I think current master had lost the ability of the followed patch: https://github.com/libvirt/libvirt/commit/e8f263e0d006390c3764aaa07093b2d174... On 2021/9/21 0:52, wangjie (P) wrote:
bug reproduce process: 1、perform migrateToURI3. 2、kill libvirtd when enter memory migration phase,and restart libvirtd. 3、perform migrateToURI3 again and again,migrateToURI3 will fail forever with err-msg "Requested operation is not valid: domain has active block job"

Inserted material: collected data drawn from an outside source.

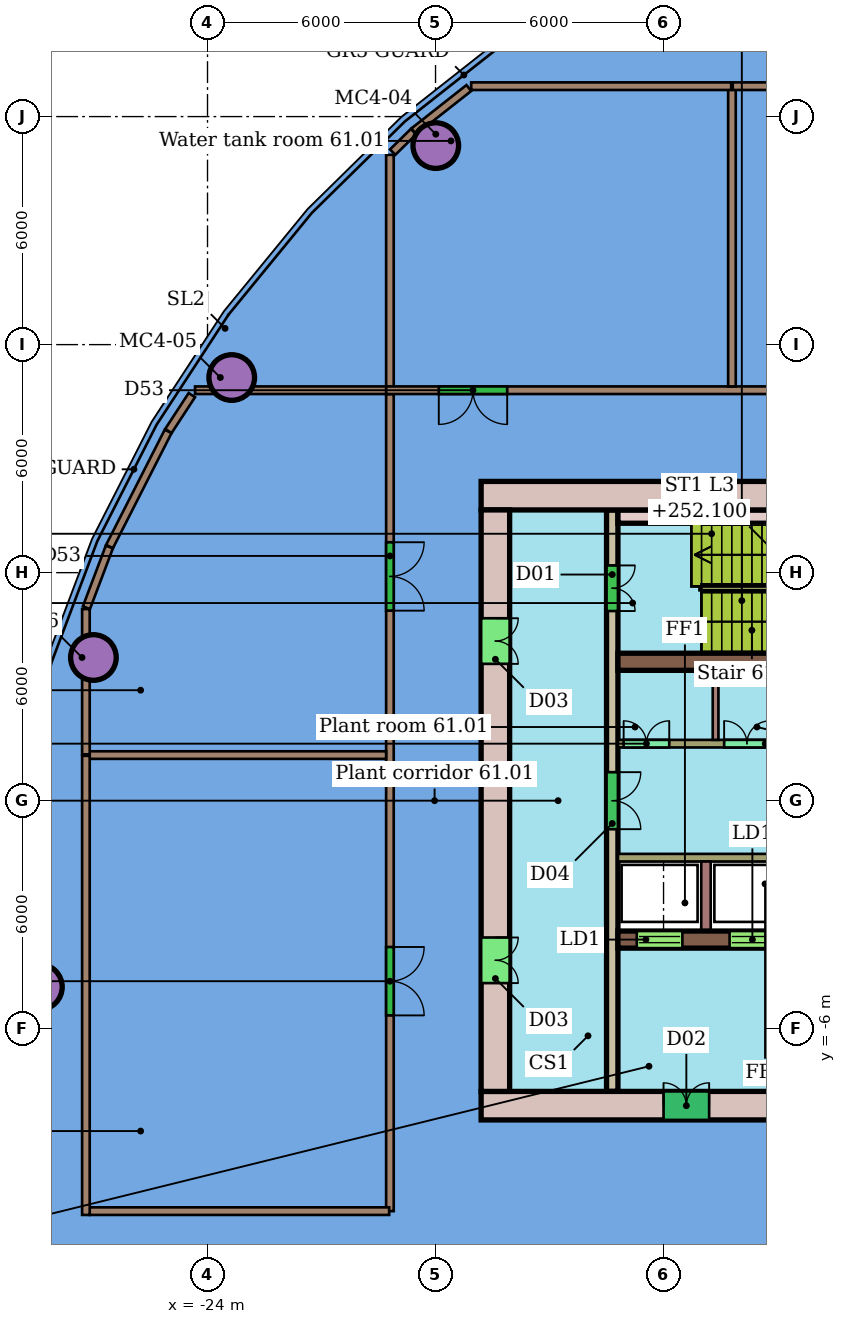
"""IFC4 building model, lengths in metres.
Left out: names, types, materials, properties, quantities, classifications, styles, units other than length and angle.
Written with IfcOpenShell. Run it as: python <this file> out.ifc"""

import sys

from ifc_helpers import new_model, si_unit, direction, frame, frame_2d, origin, origin_2d, place, context, subcontext, project, spatial, rectangle, hollow_circle, extrude, element, fill, save


model = new_model("IFC4")
c1 = context("Model", 3, precision=1e-05, world=origin(), true_north=direction((0.0, 1.0)))
c2 = subcontext(c1, "Body", "Model", "MODEL_VIEW")
j1 = project(units=[si_unit("LENGTHUNIT", "METRE"), si_unit("PLANEANGLEUNIT", "RADIAN")], contexts=[c1])
p1 = place(None, origin())
s1 = spatial("IfcSite", under=j1, at=p1, CompositionType="ELEMENT")
p2 = place(p1, origin())
s2 = spatial("IfcBuilding", under=s1, at=p2, CompositionType="ELEMENT")
p3 = place(p2, frame((0.0, 0.0, 246.1)))
s3 = spatial("IfcBuildingStorey", under=s2, at=p3, CompositionType="ELEMENT", Elevation=246.1)
for number, where, z_axis, x_axis in (
    (1, (-17.993, 17.237, 0.0), (0.0, 0.0, 1.0), (1.0, 0.0, 0.0)),
    (2, (-23.363, 11.134, 0.0), (0.0, 0.0, 1.0), (1.0, 0.0, 0.0)),
    (3, (-27.003, 3.768, 0.0), (0.0, 0.0, 1.0), (1.0, 0.0, 0.0)),
    (4, (-28.424, -4.901, 0.0), (0.0, 0.0, 1.0), (1.0, 0.0, 0.0)),
):
    element("IfcColumn", number, at=place(p3, frame(where, z_axis=z_axis, x_axis=x_axis)), inside=s3, PredefinedType="COLUMN", context=c2, shape_type="SweptSolid", body=[
        extrude(hollow_circle(Radius=0.6, WallThickness=0.045, at=origin_2d()), origin(), (0.0, 0.0, 1.0), 7.85),
    ])
p4 = place(p3, frame((-19.2, 10.7, 0.0), z_axis=(0.0, 0.0, 1.0), x_axis=(0.0, -1.0, 0.0)))
e5 = element("IfcWall", 5, at=p4, inside=s3, PredefinedType="PARTITIONING", context=c2, shape_type="SweptSolid", body=[
    extrude(rectangle(XDim=21.5, YDim=0.2, at=frame_2d((10.75, 0.0))), origin(), (0.0, 0.0, 1.0), 7.5),
])
p5 = place(p4, frame((14.55, 0.0, 0.0)))
e6 = element("IfcOpeningElement", 6, at=p5, cuts=e5, PredefinedType="OPENING", context=c2, shape_type="SweptSolid", body=[
    extrude(rectangle(XDim=1.8, YDim=2.4, at=frame_2d((0.9, 1.2))), frame((0.0, 0.11, 0.0), z_axis=(0.0, -1.0, 0.0), x_axis=(1.0, 0.0, 0.0)), (0.0, 0.0, 1.0), 0.22),
])
p6 = place(p4, frame((3.9, 0.0, 0.0)))
e7 = element("IfcOpeningElement", 7, at=p6, cuts=e5, PredefinedType="OPENING", context=c2, shape_type="SweptSolid", body=[
    extrude(rectangle(XDim=1.8, YDim=2.4, at=frame_2d((0.9, 1.2))), frame((0.0, 0.11, 0.0), z_axis=(0.0, -1.0, 0.0), x_axis=(1.0, 0.0, 0.0)), (0.0, 0.0, 1.0), 0.22),
])
p7 = place(p3, frame((-19.2, 10.82, 0.0), z_axis=(0.0, 0.0, 1.0), x_axis=(0.0, 1.0, 0.0)))
e8 = element("IfcWall", 8, at=p7, inside=s3, PredefinedType="PARTITIONING", context=c2, shape_type="SweptSolid", body=[
    extrude(rectangle(XDim=6.174, YDim=0.2, at=frame_2d((3.087, 0.0))), origin(), (0.0, 0.0, 1.0), 7.5),
])
p8 = place(p3, frame((-24.328, 10.8, 0.0), z_axis=(0.0, 0.0, 1.0), x_axis=(1.0, 0.0, 0.0)))
e9 = element("IfcWall", 9, at=p8, inside=s3, PredefinedType="PARTITIONING", context=c2, shape_type="SweptSolid", body=[
    extrude(rectangle(XDim=5.108, YDim=0.2, at=frame_2d((2.554, 0.0))), origin(), (0.0, 0.0, 1.0), 7.5),
])
p9 = place(p3, frame((7.3, 10.8, 0.0), z_axis=(0.0, 0.0, 1.0), x_axis=(-1.0, 0.0, 0.0)))
e10 = element("IfcWall", 10, at=p9, inside=s3, PredefinedType="PARTITIONING", context=c2, shape_type="SweptSolid", body=[
    extrude(rectangle(XDim=26.6, YDim=0.2, at=frame_2d((13.3, 0.0))), origin(), (0.0, 0.0, 1.0), 7.5),
])
p10 = place(p9, frame((23.414, 0.0, 0.0)))
e11 = element("IfcOpeningElement", 11, at=p10, cuts=e10, PredefinedType="OPENING", context=c2, shape_type="SweptSolid", body=[
    extrude(rectangle(XDim=1.8, YDim=2.4, at=frame_2d((0.9, 1.2))), frame((0.0, 0.11, 0.0), z_axis=(0.0, -1.0, 0.0), x_axis=(1.0, 0.0, 0.0)), (0.0, 0.0, 1.0), 0.22),
])
p11 = place(p9, frame((12.35, 0.0, 0.0)))
e12 = element("IfcOpeningElement", 12, at=p11, cuts=e10, PredefinedType="OPENING", context=c2, shape_type="SweptSolid", body=[
    extrude(rectangle(XDim=1.8, YDim=2.4, at=frame_2d((0.9, 1.2))), frame((0.0, 0.11, 0.0), z_axis=(0.0, -1.0, 0.0), x_axis=(1.0, 0.0, 0.0)), (0.0, 0.0, 1.0), 0.22),
])
p12 = place(p9, frame((3.65, 0.0, 0.0)))
e13 = element("IfcOpeningElement", 13, at=p12, cuts=e10, PredefinedType="OPENING", context=c2, shape_type="SweptSolid", body=[
    extrude(rectangle(XDim=1.8, YDim=2.4, at=frame_2d((0.9, 1.2))), frame((0.0, 0.11, 0.0), z_axis=(0.0, -1.0, 0.0), x_axis=(1.0, 0.0, 0.0)), (0.0, 0.0, 1.0), 0.22),
])
p13 = place(p3, frame((-27.2, 1.2, 0.0), z_axis=(0.0, 0.0, 1.0), x_axis=(1.0, 0.0, 0.0)))
e14 = element("IfcWall", 14, at=p13, inside=s3, PredefinedType="PARTITIONING", context=c2, shape_type="SweptSolid", body=[
    extrude(rectangle(XDim=7.9, YDim=0.2, at=frame_2d((3.95, 0.0))), origin(), (0.0, 0.0, 1.0), 7.5),
])
p14 = place(p3, frame((-10.2, 10.9, 0.0), z_axis=(0.0, 0.0, 1.0), x_axis=(0.0, 1.0, 0.0)))
e15 = element("IfcWall", 15, at=p14, inside=s3, PredefinedType="PARTITIONING", context=c2, shape_type="SweptSolid", body=[
    extrude(rectangle(XDim=7.9, YDim=0.2, at=frame_2d((3.95, 0.0))), origin(), (0.0, 0.0, 1.0), 7.5),
])
p15 = place(p3, frame((-27.1, -10.8, 0.0), z_axis=(0.0, 0.0, 1.0), x_axis=(1.0, 0.0, 0.0)))
e16 = element("IfcWall", 16, at=p15, inside=s3, PredefinedType="PARTITIONING", context=c2, shape_type="SweptSolid", body=[
    extrude(rectangle(XDim=7.88, YDim=0.2, at=frame_2d((3.94, 0.0))), origin(), (0.0, 0.0, 1.0), 7.5),
])
p16 = place(p3, frame((-27.2, -10.9, 0.0), z_axis=(0.0, 0.0, 1.0), x_axis=(0.0, 1.0, 0.0)))
e17 = element("IfcWall", 17, at=p16, inside=s3, PredefinedType="PARTITIONING", context=c2, shape_type="SweptSolid", body=[
    extrude(rectangle(XDim=12.08, YDim=0.2, at=frame_2d((6.04, 0.0))), origin(), (0.0, 0.0, 1.0), 7.5),
])
p17 = place(p3, frame((-27.2, 1.22, 0.0), z_axis=(0.0, 0.0, 1.0), x_axis=(0.0, 1.0, 0.0)))
e18 = element("IfcWall", 18, at=p17, inside=s3, PredefinedType="PARTITIONING", context=c2, shape_type="SweptSolid", body=[
    extrude(rectangle(XDim=3.823, YDim=0.2, at=frame_2d((1.911, 0.0))), origin(), (0.0, 0.0, 1.0), 7.5),
])
p18 = place(p3, frame((-27.187, 5.078, 0.0), z_axis=(0.0, 0.0, 1.0), x_axis=(0.353439463302, 0.935457399233, 0.0)))
e19 = element("IfcWall", 19, at=p18, inside=s3, PredefinedType="PARTITIONING", context=c2, shape_type="SweptSolid", body=[
    extrude(rectangle(XDim=1.709, YDim=0.2, at=frame_2d((0.854, 0.0))), origin(), (0.0, 0.0, 1.0), 7.5),
])
p19 = place(p3, frame((-26.579, 6.687, 0.0), z_axis=(0.0, 0.0, 1.0), x_axis=(0.453691333143, 0.89115889393, 0.0)))
e20 = element("IfcWall", 20, at=p19, inside=s3, PredefinedType="PARTITIONING", context=c2, shape_type="SweptSolid", body=[
    extrude(rectangle(XDim=3.401, YDim=0.2, at=frame_2d((1.7, 0.0))), origin(), (0.0, 0.0, 1.0), 7.5),
])
p20 = place(p3, frame((-25.03, 9.727, 0.0), z_axis=(0.0, 0.0, 1.0), x_axis=(0.546993030609, 0.837137159888, 0.0)))
e21 = element("IfcWall", 21, at=p20, inside=s3, PredefinedType="PARTITIONING", context=c2, shape_type="SweptSolid", body=[
    extrude(rectangle(XDim=1.129, YDim=0.2, at=frame_2d((0.564, 0.0))), origin(), (0.0, 0.0, 1.0), 7.5),
])
p21 = place(p3, frame((-19.127, 17.065, 0.0), z_axis=(0.0, 0.0, 1.0), x_axis=(0.713118996521, 0.701043006384, 0.0)))
e22 = element("IfcWall", 22, at=p21, inside=s3, PredefinedType="PARTITIONING", context=c2, shape_type="SweptSolid", body=[
    extrude(rectangle(XDim=0.768, YDim=0.2, at=frame_2d((0.384, 0.0))), origin(), (0.0, 0.0, 1.0), 7.5),
])
p22 = place(p3, frame((-18.572, 17.611, 0.0), z_axis=(0.0, 0.0, 1.0), x_axis=(0.785678970443, 0.618634427916, 0.0)))
e23 = element("IfcWall", 23, at=p22, inside=s3, PredefinedType="PARTITIONING", context=c2, shape_type="SweptSolid", body=[
    extrude(rectangle(XDim=1.843, YDim=0.2, at=frame_2d((0.921, 0.0))), origin(), (0.0, 0.0, 1.0), 7.5),
])
p23 = place(p3, frame((-17.062, 18.8, 0.0), z_axis=(0.0, 0.0, 1.0), x_axis=(1.0, 0.0, 0.0)))
e24 = element("IfcWall", 24, at=p23, inside=s3, PredefinedType="PARTITIONING", context=c2, shape_type="SweptSolid", body=[
    extrude(rectangle(XDim=6.842, YDim=0.2, at=frame_2d((3.421, 0.0))), origin(), (0.0, 0.0, 1.0), 7.5),
])
p24 = place(p3, frame((-10.18, 18.8, 0.0), z_axis=(0.0, 0.0, 1.0), x_axis=(1.0, 0.0, 0.0)))
e25 = element("IfcWall", 25, at=p24, inside=s3, PredefinedType="PARTITIONING", context=c2, shape_type="SweptSolid", body=[
    extrude(rectangle(XDim=8.46, YDim=0.2, at=frame_2d((4.23, 0.0))), origin(), (0.0, 0.0, 1.0), 7.5),
])
p25 = place(p3, frame((-6.0, 8.025, 0.0), z_axis=(0.0, 0.0, 1.0), x_axis=(-1.0, 0.0, 0.0)))
e26 = element("IfcWall", 26, at=p25, inside=s3, PredefinedType="SHEAR", context=c2, shape_type="SweptSolid", body=[
    extrude(rectangle(XDim=10.8, YDim=0.75, at=frame_2d((5.4, 0.0))), origin(), (0.0, 0.0, 1.0), 7.55),
])
p26 = place(p3, frame((-16.8, -8.025, 0.0), z_axis=(0.0, 0.0, 1.0), x_axis=(1.0, 0.0, 0.0)))
e27 = element("IfcWall", 27, at=p26, inside=s3, PredefinedType="SHEAR", context=c2, shape_type="SweptSolid", body=[
    extrude(rectangle(XDim=21.6, YDim=0.75, at=frame_2d((10.8, 0.0))), origin(), (0.0, 0.0, 1.0), 7.55),
])
p27 = place(p26, frame((4.8, 0.0, 0.0)))
e28 = element("IfcOpeningElement", 28, at=p27, cuts=e27, PredefinedType="OPENING", context=c2, shape_type="SweptSolid", body=[
    extrude(rectangle(XDim=1.2, YDim=2.1, at=frame_2d((0.6, 1.05))), frame((0.0, 0.385, 0.0), z_axis=(0.0, -1.0, 0.0), x_axis=(1.0, 0.0, 0.0)), (0.0, 0.0, 1.0), 0.77),
])
p28 = place(p3, frame((-16.425, 7.65, 0.0), z_axis=(0.0, 0.0, 1.0), x_axis=(0.0, -1.0, 0.0)))
e29 = element("IfcWall", 29, at=p28, inside=s3, PredefinedType="SHEAR", context=c2, shape_type="SweptSolid", body=[
    extrude(rectangle(XDim=15.3, YDim=0.75, at=frame_2d((7.65, 0.0))), origin(), (0.0, 0.0, 1.0), 7.55),
])
p29 = place(p28, frame((11.25, 0.0, 0.0)))
e30 = element("IfcOpeningElement", 30, at=p29, cuts=e29, PredefinedType="OPENING", context=c2, shape_type="SweptSolid", body=[
    extrude(rectangle(XDim=1.2, YDim=2.1, at=frame_2d((0.6, 1.05))), frame((0.0, 0.385, 0.0), z_axis=(0.0, -1.0, 0.0), x_axis=(1.0, 0.0, 0.0)), (0.0, 0.0, 1.0), 0.77),
])
p30 = place(p28, frame((2.85, 0.0, 0.0)))
e31 = element("IfcOpeningElement", 31, at=p30, cuts=e29, PredefinedType="OPENING", context=c2, shape_type="SweptSolid", body=[
    extrude(rectangle(XDim=1.2, YDim=2.1, at=frame_2d((0.6, 1.05))), frame((0.0, 0.385, 0.0), z_axis=(0.0, -1.0, 0.0), x_axis=(1.0, 0.0, 0.0)), (0.0, 0.0, 1.0), 0.77),
])
p31 = place(p3, frame((-13.2, 3.655, 0.0), z_axis=(0.0, 0.0, 1.0), x_axis=(1.0, 0.0, 0.0)))
e32 = element("IfcWall", 32, at=p31, inside=s3, PredefinedType="SHEAR", context=c2, shape_type="SweptSolid", body=[
    extrude(rectangle(XDim=7.2, YDim=0.45, at=frame_2d((3.6, 0.0))), origin(), (0.0, 0.0, 1.0), 7.55),
])
p32 = place(p3, frame((-13.2, -3.655, 0.0), z_axis=(0.0, 0.0, 1.0), x_axis=(1.0, 0.0, 0.0)))
e33 = element("IfcWall", 33, at=p32, inside=s3, PredefinedType="SHEAR", context=c2, shape_type="SweptSolid", body=[
    extrude(rectangle(XDim=7.2, YDim=0.45, at=frame_2d((3.6, 0.0))), origin(), (0.0, 0.0, 1.0), 7.55),
])
p33 = place(p32, frame((0.496, 0.0, 0.0)))
e34 = element("IfcOpeningElement", 34, at=p33, cuts=e33, PredefinedType="OPENING", context=c2, shape_type="SweptSolid", body=[
    extrude(rectangle(XDim=1.2, YDim=2.1, at=frame_2d((0.6, 1.05))), frame((0.0, 0.235, 0.0), z_axis=(0.0, -1.0, 0.0), x_axis=(1.0, 0.0, 0.0)), (0.0, 0.0, 1.0), 0.47),
])
p34 = place(p32, frame((2.938, 0.0, 0.0)))
e35 = element("IfcOpeningElement", 35, at=p34, cuts=e33, PredefinedType="OPENING", context=c2, shape_type="SweptSolid", body=[
    extrude(rectangle(XDim=1.2, YDim=2.1, at=frame_2d((0.6, 1.05))), frame((0.0, 0.235, 0.0), z_axis=(0.0, -1.0, 0.0), x_axis=(1.0, 0.0, 0.0)), (0.0, 0.0, 1.0), 0.47),
])
p35 = place(p3, frame((-13.35, 7.65, 0.0), z_axis=(0.0, 0.0, 1.0), x_axis=(0.0, -1.0, 0.0)))
e36 = element("IfcWall", 36, at=p35, inside=s3, PredefinedType="SHEAR", context=c2, shape_type="SweptSolid", body=[
    extrude(rectangle(XDim=15.3, YDim=0.3, at=frame_2d((7.65, 0.0))), origin(), (0.0, 0.0, 1.0), 7.55),
])
p36 = place(p35, frame((1.46, 0.0, 0.0)))
e37 = element("IfcOpeningElement", 37, at=p36, cuts=e36, PredefinedType="OPENING", context=c2, shape_type="SweptSolid", body=[
    extrude(rectangle(XDim=1.2, YDim=2.1, at=frame_2d((0.6, 1.05))), frame((0.0, 0.16, 0.0), z_axis=(0.0, -1.0, 0.0), x_axis=(1.0, 0.0, 0.0)), (0.0, 0.0, 1.0), 0.32),
])
p37 = place(p35, frame((6.9, 0.0, 0.0)))
e38 = element("IfcOpeningElement", 38, at=p37, cuts=e36, PredefinedType="OPENING", context=c2, shape_type="SweptSolid", body=[
    extrude(rectangle(XDim=1.5, YDim=2.1, at=frame_2d((0.75, 1.05))), frame((0.0, 0.16, 0.0), z_axis=(0.0, -1.0, 0.0), x_axis=(1.0, 0.0, 0.0)), (0.0, 0.0, 1.0), 0.32),
])
p38 = place(p3, frame((-13.2, 1.5, 0.0), z_axis=(0.0, 0.0, 1.0), x_axis=(1.0, 0.0, 0.0)))
e39 = element("IfcWall", 39, at=p38, inside=s3, PredefinedType="SHEAR", context=c2, shape_type="SweptSolid", body=[
    extrude(rectangle(XDim=14.4, YDim=0.2, at=frame_2d((7.2, 0.0))), origin(), (0.0, 0.0, 1.0), 7.55),
])
p39 = place(p38, frame((0.15, 0.0, 0.0)))
e40 = element("IfcOpeningElement", 40, at=p39, cuts=e39, PredefinedType="OPENING", context=c2, shape_type="SweptSolid", body=[
    extrude(rectangle(XDim=1.2, YDim=2.4, at=frame_2d((0.6, 1.2))), frame((0.0, 0.11, 0.0), z_axis=(0.0, -1.0, 0.0), x_axis=(1.0, 0.0, 0.0)), (0.0, 0.0, 1.0), 0.22),
])
p40 = place(p38, frame((2.794, 0.0, 0.0)))
e41 = element("IfcOpeningElement", 41, at=p40, cuts=e39, PredefinedType="OPENING", context=c2, shape_type="SweptSolid", body=[
    extrude(rectangle(XDim=1.2, YDim=2.4, at=frame_2d((0.6, 1.2))), frame((0.0, 0.11, 0.0), z_axis=(0.0, -1.0, 0.0), x_axis=(1.0, 0.0, 0.0)), (0.0, 0.0, 1.0), 0.22),
])
p41 = place(p38, frame((8.167, 0.0, 0.0)))
e42 = element("IfcOpeningElement", 42, at=p41, cuts=e39, PredefinedType="OPENING", context=c2, shape_type="SweptSolid", body=[
    extrude(rectangle(XDim=1.2, YDim=2.4, at=frame_2d((0.6, 1.2))), frame((0.0, 0.11, 0.0), z_axis=(0.0, -1.0, 0.0), x_axis=(1.0, 0.0, 0.0)), (0.0, 0.0, 1.0), 0.22),
])
p42 = place(p3, frame((1.2, -1.5, 0.0), z_axis=(0.0, 0.0, 1.0), x_axis=(-1.0, 0.0, 0.0)))
e43 = element("IfcWall", 43, at=p42, inside=s3, PredefinedType="SHEAR", context=c2, shape_type="SweptSolid", body=[
    extrude(rectangle(XDim=14.4, YDim=0.2, at=frame_2d((7.2, 0.0))), origin(), (0.0, 0.0, 1.0), 7.55),
])
p43 = place(p42, frame((7.821, 0.0, 0.0)))
e44 = element("IfcOpeningElement", 44, at=p43, cuts=e43, PredefinedType="OPENING", context=c2, shape_type="SweptSolid", body=[
    extrude(rectangle(XDim=1.2, YDim=2.1, at=frame_2d((0.6, 1.05))), frame((0.0, 0.11, 0.0), z_axis=(0.0, -1.0, 0.0), x_axis=(1.0, 0.0, 0.0)), (0.0, 0.0, 1.0), 0.22),
])
p44 = place(p42, frame((2.592, 0.0, 0.0)))
e45 = element("IfcOpeningElement", 45, at=p44, cuts=e43, PredefinedType="OPENING", context=c2, shape_type="SweptSolid", body=[
    extrude(rectangle(XDim=1.2, YDim=2.4, at=frame_2d((0.6, 1.2))), frame((0.0, 0.11, 0.0), z_axis=(0.0, -1.0, 0.0), x_axis=(1.0, 0.0, 0.0)), (0.0, 0.0, 1.0), 0.22),
])
p45 = place(p3, frame((-13.2, 7.475, 0.0), z_axis=(0.0, 0.0, 1.0), x_axis=(1.0, 0.0, 0.0)))
e46 = element("IfcWall", 46, at=p45, inside=s3, PredefinedType="SHEAR", context=c2, shape_type="SweptSolid", body=[
    extrude(rectangle(XDim=7.05, YDim=0.35, at=frame_2d((3.525, 0.0))), origin(), (0.0, 0.0, 1.0), 7.55),
])
p46 = place(p3, frame((-10.631, 1.6, 0.0), z_axis=(0.0, 0.0, 1.0), x_axis=(0.0, 1.0, 0.0)))
e47 = element("IfcWall", 47, at=p46, inside=s3, PredefinedType="PARTITIONING", context=c2, shape_type="SweptSolid", body=[
    extrude(rectangle(XDim=1.83, YDim=0.15, at=frame_2d((0.915, 0.0))), origin(), (0.0, 0.0, 1.0), 7.55),
])
p47 = place(p3, frame((-10.883, -1.6, 0.0), z_axis=(0.0, 0.0, 1.0), x_axis=(0.0, -1.0, 0.0)))
e48 = element("IfcWall", 48, at=p47, inside=s3, PredefinedType="SHEAR", context=c2, shape_type="SweptSolid", body=[
    extrude(rectangle(XDim=1.83, YDim=0.25, at=frame_2d((0.915, 0.0))), origin(), (0.0, 0.0, 1.0), 7.55),
])
p48 = place(p5, origin())
e49 = element("IfcDoor", 49, at=p48, inside=s3, OperationType="DOUBLE_DOOR_SINGLE_SWING", PredefinedType="DOOR", context=c2, shape_type="SweptSolid", body=[
    extrude(rectangle(XDim=1.8, YDim=2.4, at=frame_2d((0.9, 1.2))), frame((0.0, 0.025, 0.0), z_axis=(0.0, -1.0, 0.0), x_axis=(1.0, 0.0, 0.0)), (0.0, 0.0, 1.0), 0.05),
])
fill(e6, e49)
p49 = place(p6, origin())
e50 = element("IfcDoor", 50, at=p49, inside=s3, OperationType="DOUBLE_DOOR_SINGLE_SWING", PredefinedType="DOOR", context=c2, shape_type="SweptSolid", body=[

I found the reasion which trigger the bug as follow:
1、the qemuBlockJobData is not persistent when libvirtd restart,so the job which return from qemuBlockJobDiskGetJob while always NULL, so qemuMigrationSrcNBDCopyCancel will not be taken.
2、calltrace: qemuProcessReconnect ->qemuProcessRecoverJob ->qemuProcessRecoverMigrationOut ->qemuMigrationSrcCancel
3、code as follow: qemuMigrationSrcCancel(virQEMUDriver *driver, virDomainObj *vm) { ... ... for (i = 0; i < vm->def->ndisks; i++) { virDomainDiskDef *disk = vm->def->disks[i]; qemuDomainDiskPrivate *diskPriv = QEMU_DOMAIN_DISK_PRIVATE(disk); qemuBlockJobData *job;
if (!(job = qemuBlockJobDiskGetJob(disk)) || //the job is always NULL !!! !qemuBlockJobIsRunning(job)) diskPriv->migrating = false;
if (diskPriv->migrating) { qemuBlockJobSyncBegin(job); storage = true; }
virObjectUnref(job); } ... ...
if (storage && qemuMigrationSrcNBDCopyCancel(driver, vm, true, QEMU_ASYNC_JOB_NONE, NULL) < 0) return -1; ... ... }
4、I think current master had lost the ability of the followed patch: http://10.175.124.40/cgit/cgit.cgi/code.huawei.com/libvirt.git/commit/?id=e8...
can you give some suggestions to fix it?